Consequently a bell which is _d_ inches in diameter, and gives a
pressure of _p_ inches of water, will weigh 0.028302_pd^2_ lb.
Or, if W = the weight of the bell in lb., the pressure thrown by it will
be W/0.028302_d^2_ or 35.333W/_d^2_. This is the fundamental
formula, which is sometimes given as _p_ = 550W/_d^2_, in which
W = the weight of the bell in tons, and _d_ the diameter in feet.
This value of _p_, however, is actually higher than the holder would
give in practice. Reductions have to be made for two influences, viz.,
the lifting power of the contained gas, which is lighter than air, and
the diminution in the effective weight of so much of the bell as is
immersed in water. The effect of these influences was studied by Pole,
who in 1839 drew up some rules for calculating the pressure thrown by a
gasholder of given dimensions and weight. These rules form the basis of
the formula which is commonly used in the coal-gas industry, and they may
be applied, _mutatis mutandis_, to acetylene holders. The
corrections for both the influences mentioned vary with the height at
which the top of the gasholder bell stands above the level of the water
in the tank. Dealing first with the correction for the lifting power of
the gas, this, according to Pole, is a deduction of _h_(1 -
_d_)/828 where _d_ is the specific gravity of the gas and
_h_ the height (in inches) of the top of the gasholder above the
water level. This strictly applies only to a flat-topped bell, and hence
if the bell has a crown with a rise equal to about 1/20 of the diameter
of the bell, the value of _h_ here must be taken as equal to the
height of the top of the sides above the water-level (= _h'_), plus
the height of a cylinder having the same capacity as the crown, and the
same diameter as the bell, that is to say, _h_=_h'_ +
_d_/40 where _d_ = the diameter of the bell.
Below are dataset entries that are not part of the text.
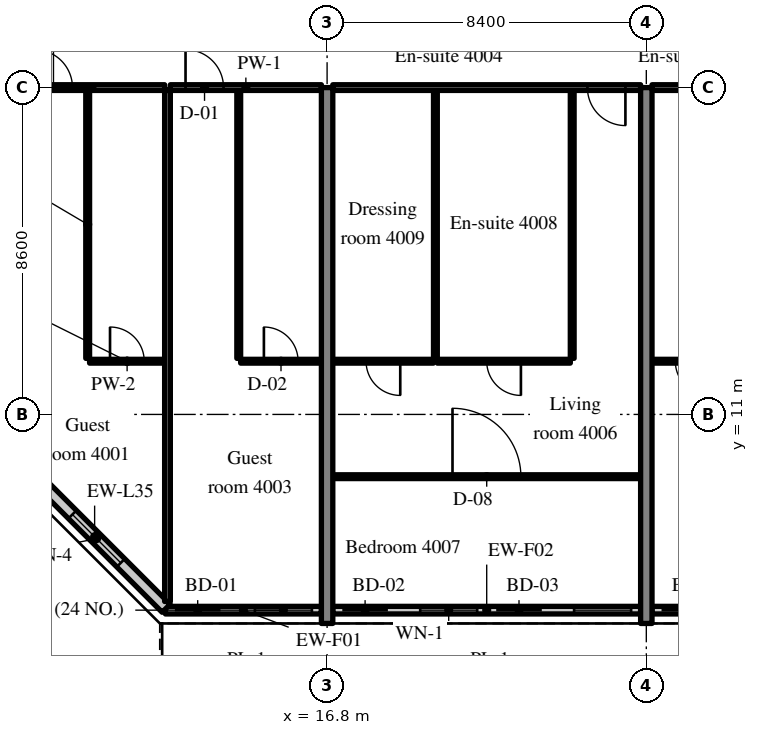
"""IFC4 building model, lengths in metres.
Left out: names, types, materials, properties, quantities, classifications, styles, units other than length and angle.
Written with IfcOpenShell. Run it as: python <this file> out.ifc"""

import sys

from ifc_helpers import new_model, si_unit, direction, frame, frame_2d, origin, place, context, subcontext, project, spatial, rectangle, extrude, source, transform, mapped, element, fill, save


model = new_model("IFC4")
c1 = context("Model", 3, precision=1e-05, world=origin(), true_north=direction((0.0, 1.0)))
c2 = subcontext(c1, "Body", "Model", "MODEL_VIEW")
j1 = project(units=[si_unit("LENGTHUNIT", "METRE"), si_unit("PLANEANGLEUNIT", "RADIAN")], contexts=[c1])
p1 = place(None, origin())
s1 = spatial("IfcSite", under=j1, at=p1, CompositionType="ELEMENT")
p2 = place(p1, origin())
s2 = spatial("IfcBuilding", under=s1, at=p2, CompositionType="ELEMENT")
p3 = place(p2, frame((0.0, 0.0, 166.8)))
s3 = spatial("IfcBuildingStorey", under=s2, at=p3, CompositionType="ELEMENT", Elevation=166.8)
m1 = source(origin(), c2, "Body", "SweptSolid", [
    extrude(rectangle(XDim=14.1, YDim=0.3, at=frame_2d((7.05, 0.0))), origin(), (0.0, 0.0, 1.0), 3.52),
])
for number, where, z_axis, x_axis in (
    (1, (16.8, 5.5, 0.0), (0.0, 0.0, 1.0), (0.0, 1.0, 0.0)),
    (2, (25.2, 5.5, 0.0), (0.0, 0.0, 1.0), (0.0, 1.0, 0.0)),
):
    element("IfcWall", number, at=place(p3, frame(where, z_axis=z_axis, x_axis=x_axis)), inside=s3, PredefinedType="SHEAR", context=c2, shape_type="MappedRepresentation", body=[
        mapped(m1, transform((0.0, 0.0, 0.0), scale=1.0)),
    ])
m2 = source(origin(), c2, "Body", "SweptSolid", [
    extrude(rectangle(XDim=4.105, YDim=0.2, at=frame_2d((2.052, 0.0))), origin(), (0.0, 0.0, 1.0), 2.87),
])
p4 = place(p3, frame((12.545, 5.85, 0.0), z_axis=(0.0, 0.0, 1.0), x_axis=(1.0, 0.0, 0.0)))
e3 = element("IfcWall", 3, at=p4, inside=s3, PredefinedType="SOLIDWALL", context=c2, shape_type="MappedRepresentation", body=[
    mapped(m2, transform((0.0, 0.0, 0.0), scale=1.0)),
])
m3 = source(origin(), c2, "Body", "SweptSolid", [
    extrude(rectangle(XDim=1.2, YDim=2.4, at=frame_2d((0.6, 1.2))), frame((0.0, 0.11, 0.0), z_axis=(0.0, -1.0, 0.0), x_axis=(1.0, 0.0, 0.0)), (0.0, 0.0, 1.0), 0.22),
])
p5 = place(p4, frame((0.25, 0.0, 0.0)))
e4 = element("IfcOpeningElement", 4, at=p5, cuts=e3, PredefinedType="OPENING", context=c2, shape_type="MappedRepresentation", body=[
    mapped(m3, transform((0.0, 0.0, 0.0), scale=1.0)),
])
m4 = source(origin(), c2, "Body", "SweptSolid", [
    extrude(rectangle(XDim=1.5, YDim=1.5, at=frame_2d((0.75, 0.75))), frame((0.0, 0.11, 0.0), z_axis=(0.0, -1.0, 0.0), x_axis=(1.0, 0.0, 0.0)), (0.0, 0.0, 1.0), 0.22),
])
p6 = place(p4, frame((2.355, 0.0, 0.9)))
e5 = element("IfcOpeningElement", 5, at=p6, cuts=e3, PredefinedType="OPENING", context=c2, shape_type="MappedRepresentation", body=[
    mapped(m4, transform((0.0, 0.0, 0.0), scale=1.0)),
])
m5 = source(origin(), c2, "Body", "SweptSolid", [
    extrude(rectangle(XDim=8.1, YDim=0.2, at=frame_2d((4.05, 0.0))), origin(), (0.0, 0.0, 1.0), 2.87),
])
p7 = place(p3, frame((16.95, 5.85, 0.0), z_axis=(0.0, 0.0, 1.0), x_axis=(1.0, 0.0, 0.0)))
e6 = element("IfcWall", 6, at=p7, inside=s3, PredefinedType="SOLIDWALL", context=c2, shape_type="MappedRepresentation", body=[
    mapped(m5, transform((0.0, 0.0, 0.0), scale=1.0)),
])
p8 = place(p7, frame((0.25, 0.0, 0.0)))
e7 = element("IfcOpeningElement", 7, at=p8, cuts=e6, PredefinedType="OPENING", context=c2, shape_type="MappedRepresentation", body=[
    mapped(m3, transform((0.0, 0.0, 0.0), scale=1.0)),
])
p9 = place(p7, frame((2.3, 0.0, 0.9)))
e8 = element("IfcOpeningElement", 8, at=p9, cuts=e6, PredefinedType="OPENING", context=c2, shape_type="MappedRepresentation", body=[
    mapped(m4, transform((0.0, 0.0, 0.0), scale=1.0)),
])
p10 = place(p7, frame((4.3, 0.0, 0.0)))
e9 = element("IfcOpeningElement", 9, at=p10, cuts=e6, PredefinedType="OPENING", context=c2, shape_type="MappedRepresentation", body=[
    mapped(m3, transform((0.0, 0.0, 0.0), scale=1.0)),
])
p11 = place(p7, frame((6.35, 0.0, 0.9)))
e10 = element("IfcOpeningElement", 10, at=p11, cuts=e6, PredefinedType="OPENING", context=c2, shape_type="MappedRepresentation", body=[
    mapped(m4, transform((0.0, 0.0, 0.0), scale=1.0)),
])
m6 = source(origin(), c2, "Body", "SweptSolid", [
    extrude(rectangle(XDim=8.1, YDim=0.2, at=frame_2d((4.05, 0.0))), origin(), (0.0, 0.0, 1.0), 2.87),
])
p12 = place(p3, frame((25.35, 5.85, 0.0), z_axis=(0.0, 0.0, 1.0), x_axis=(1.0, 0.0, 0.0)))
e11 = element("IfcWall", 11, at=p12, inside=s3, PredefinedType="SOLIDWALL", context=c2, shape_type="MappedRepresentation", body=[
    mapped(m6, transform((0.0, 0.0, 0.0), scale=1.0)),
])
p13 = place(p12, frame((0.25, 0.0, 0.0)))
e12 = element("IfcOpeningElement", 12, at=p13, cuts=e11, PredefinedType="OPENING", context=c2, shape_type="MappedRepresentation", body=[
    mapped(m3, transform((0.0, 0.0, 0.0), scale=1.0)),
])
p14 = place(p12, frame((2.3, 0.0, 0.9)))
e13 = element("IfcOpeningElement", 13, at=p14, cuts=e11, PredefinedType="OPENING", context=c2, shape_type="MappedRepresentation", body=[
    mapped(m4, transform((0.0, 0.0, 0.0), scale=1.0)),
])
p15 = place(p12, frame((4.3, 0.0, 0.0)))
e14 = element("IfcOpeningElement", 14, at=p15, cuts=e11, PredefinedType="OPENING", context=c2, shape_type="MappedRepresentation", body=[
    mapped(m3, transform((0.0, 0.0, 0.0), scale=1.0)),
])
p16 = place(p12, frame((6.35, 0.0, 0.9)))
e15 = element("IfcOpeningElement", 15, at=p16, cuts=e11, PredefinedType="OPENING", context=c2, shape_type="MappedRepresentation", body=[
    mapped(m4, transform((0.0, 0.0, 0.0), scale=1.0)),
])
m7 = source(origin(), c2, "Body", "SweptSolid", [
    extrude(rectangle(XDim=5.326, YDim=0.3, at=frame_2d((2.663, 0.0))), origin(), (0.0, 0.0, 1.0), 3.52),
])
p17 = place(p3, frame((8.8, 9.666, 0.0), z_axis=(0.0, 0.0, 1.0), x_axis=(0.707083859269, -0.707129702361, 0.0)))
e16 = element("IfcWall", 16, at=p17, inside=s3, PredefinedType="SOLIDWALL", context=c2, shape_type="MappedRepresentation", body=[
    mapped(m7, transform((0.0, 0.0, 0.0), scale=1.0)),
])
m8 = source(origin(), c2, "Body", "SweptSolid", [
    extrude(rectangle(XDim=1.8, YDim=1.5, at=frame_2d((0.9, 0.75))), frame((0.0, 0.16, 0.0), z_axis=(0.0, -1.0, 0.0), x_axis=(1.0, 0.0, 0.0)), (0.0, 0.0, 1.0), 0.32),
])
p18 = place(p17, frame((1.836, 0.0, 0.9)))
e17 = element("IfcOpeningElement", 17, at=p18, cuts=e16, PredefinedType="OPENING", context=c2, shape_type="MappedRepresentation", body=[
    mapped(m8, transform((0.0, 0.0, 0.0), scale=1.0)),
])
m9 = source(origin(), c2, "Body", "SweptSolid", [
    extrude(rectangle(XDim=7.05, YDim=0.1, at=frame_2d((3.525, 0.0))), origin(), (0.0, 0.0, 1.0), 3.52),
])
p19 = place(p3, frame((10.5, 12.475, 0.0), z_axis=(0.0, 0.0, 1.0), x_axis=(0.0, 1.0, 0.0)))
e18 = element("IfcWall", 18, at=p19, inside=s3, PredefinedType="PARTITIONING", context=c2, shape_type="MappedRepresentation", body=[
    mapped(m9, transform((0.0, 0.0, 0.0), scale=1.0)),
])
m10 = source(origin(), c2, "Body", "SweptSolid", [
    extrude(rectangle(XDim=1.975, YDim=0.1, at=frame_2d((0.987, 0.0))), origin(), (0.0, 0.0, 1.0), 3.52),
])
p20 = place(p3, frame((10.55, 12.4, 0.0), z_axis=(0.0, 0.0, 1.0), x_axis=(1.0, 0.0, 0.0)))
e19 = element("IfcWall", 19, at=p20, inside=s3, PredefinedType="PARTITIONING", context=c2, shape_type="MappedRepresentation", body=[
    mapped(m10, transform((0.0, 0.0, 0.0), scale=1.0)),
])
m11 = source(origin(), c2, "Body", "SweptSolid", [
    extrude(rectangle(XDim=0.9, YDim=2.1, at=frame_2d((0.45, 1.05))), frame((0.0, 0.06, 0.0), z_axis=(0.0, -1.0, 0.0), x_axis=(1.0, 0.0, 0.0)), (0.0, 0.0, 1.0), 0.12),
])
p21 = place(p20, frame((0.538, 0.0, 0.0)))
e20 = element("IfcOpeningElement", 20, at=p21, cuts=e19, PredefinedType="OPENING", context=c2, shape_type="MappedRepresentation", body=[
    mapped(m11, transform((0.0, 0.0, 0.0), scale=1.0)),
])
m12 = source(origin(), c2, "Body", "SweptSolid", [
    extrude(rectangle(XDim=3.825, YDim=0.15, at=frame_2d((1.913, 0.0))), origin(), (0.0, 0.0, 1.0), 2.82),
])
p22 = place(p3, frame((8.7, 19.6, 0.0), z_axis=(0.0, 0.0, 1.0), x_axis=(1.0, 0.0, 0.0)))
e21 = element("IfcWall", 21, at=p22, inside=s3, PredefinedType="PARTITIONING", context=c2, shape_type="MappedRepresentation", body=[
    mapped(m12, transform((0.0, 0.0, 0.0), scale=1.0)),
])
m13 = source(origin(), c2, "Body", "SweptSolid", [
    extrude(rectangle(XDim=1.0, YDim=2.1, at=frame_2d((0.5, 1.05))), frame((0.0, 0.085, 0.0), z_axis=(0.0, -1.0, 0.0), x_axis=(1.0, 0.0, 0.0)), (0.0, 0.0, 1.0), 0.17),
])
p23 = place(p22, frame((0.4, 0.0, 0.0)))
e22 = element("IfcOpeningElement", 22, at=p23, cuts=e21, PredefinedType="OPENING", context=c2, shape_type="MappedRepresentation", body=[
    mapped(m13, transform((0.0, 0.0, 0.0), scale=1.0)),
])
p24 = place(p3, frame((14.475, 12.475, 0.0), z_axis=(0.0, 0.0, 1.0), x_axis=(0.0, 1.0, 0.0)))
e23 = element("IfcWall", 23, at=p24, inside=s3, PredefinedType="PARTITIONING", context=c2, shape_type="MappedRepresentation", body=[
    mapped(m9, transform((0.0, 0.0, 0.0), scale=1.0)),
])
m14 = source(origin(), c2, "Body", "SweptSolid", [
    extrude(rectangle(XDim=2.125, YDim=0.1, at=frame_2d((1.062, 0.0))), origin(), (0.0, 0.0, 1.0), 3.52),
])
p25 = place(p3, frame((14.525, 12.4, 0.0), z_axis=(0.0, 0.0, 1.0), x_axis=(1.0, 0.0, 0.0)))
e24 = element("IfcWall", 24, at=p25, inside=s3, PredefinedType="PARTITIONING", context=c2, shape_type="MappedRepresentation", body=[
    mapped(m14, transform((0.0, 0.0, 0.0), scale=1.0)),
])
p26 = place(p25, frame((0.612, 0.0, 0.0)))
e25 = element("IfcOpeningElement", 25, at=p26, cuts=e24, PredefinedType="OPENING", context=c2, shape_type="MappedRepresentation", body=[
    mapped(m11, transform((0.0, 0.0, 0.0), scale=1.0)),
])
m15 = source(origin(), c2, "Body", "SweptSolid", [
    extrude(rectangle(XDim=3.975, YDim=0.15, at=frame_2d((1.987, 0.0))), origin(), (0.0, 0.0, 1.0), 2.82),
])
p27 = place(p3, frame((12.675, 19.6, 0.0), z_axis=(0.0, 0.0, 1.0), x_axis=(1.0, 0.0, 0.0)))
e26 = element("IfcWall", 26, at=p27, inside=s3, PredefinedType="PARTITIONING", context=c2, shape_type="MappedRepresentation", body=[
    mapped(m15, transform((0.0, 0.0, 0.0), scale=1.0)),
])
p28 = place(p27, frame((0.4, 0.0, 0.0)))
e27 = element("IfcOpeningElement", 27, at=p28, cuts=e26, PredefinedType="OPENING", context=c2, shape_type="MappedRepresentation", body=[
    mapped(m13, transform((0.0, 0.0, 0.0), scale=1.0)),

The specific
gravity of commercially made acetylene being constantly very nearly 0.91,
the deduction for the lifting power of the gas becomes, for acetylene
gasholders, 0.0001086_h_ + 0.0000027_d_, where _h_ is the
height in inches of the top of the sides of the bell above the water-
level, and _d_ is the diameter of the bell. Obviously this is a
negligible quantity, and hence this correction may be disregarded for all
acetylene gasholders, whereas it is of some importance with coal-gas and
other gases of lower specific gravity. It is therefore wrong to apply to
acetylene gasholders formulae in which a correction for the lifting power
of the gas has been included when such correction is based on the average
specific gravity of coal-gas, as is the case with many abbreviated
gasholder pressure formulae.

The correction for the immersion of the sides of the bell is of greater
magnitude, and has an important practical significance. Let H be the
total height in inches of the side of the gasholder, _h_ the height
in inches of the top of the sides of the gasholder above the water-level,
and _w_ = the weight of the sides of the gasholder in lb.; then, for
any position of the bell, the proportion of the total height of the sides
immersed (H - _h_)/H, and the buoyancy is (H - _h_)/H x
_w_/S + pi/4_d^2_, in which S = the specific gravity of the
material of which the bell is made. Assuming the material to be mild
steel or wrought iron, having a specific gravity of 7.78, the buoyancy is
(4_w_(H - _h_)) / (7.78Hpi_d^2_) lb. per square inch
(_d_ being inches and _w_ lb.), which is equivalent to
(4_w_(H - _h_)) / (0.03604 x 7.78Hpi_d^2_) =
(4.54_w_(H - _h_)) / (H_d^2_) inches of water. Hence the
complete formula for acetylene gasholders is:

_p_ = 35.333W / _d^2_ - 4.54_w_(H - _h_) /
H_d^2_

It follows that _p_ varies with the position of the bell, that is to
say, with the extent to which it is filled with gas. It will be well to
consider how great this variation is in the case of a typical acetylene
holder, as, if the variation should be considerable, provision must be
made, by the employment of a governor on the outlet main or otherwise, to
prevent its effects being felt at the burners.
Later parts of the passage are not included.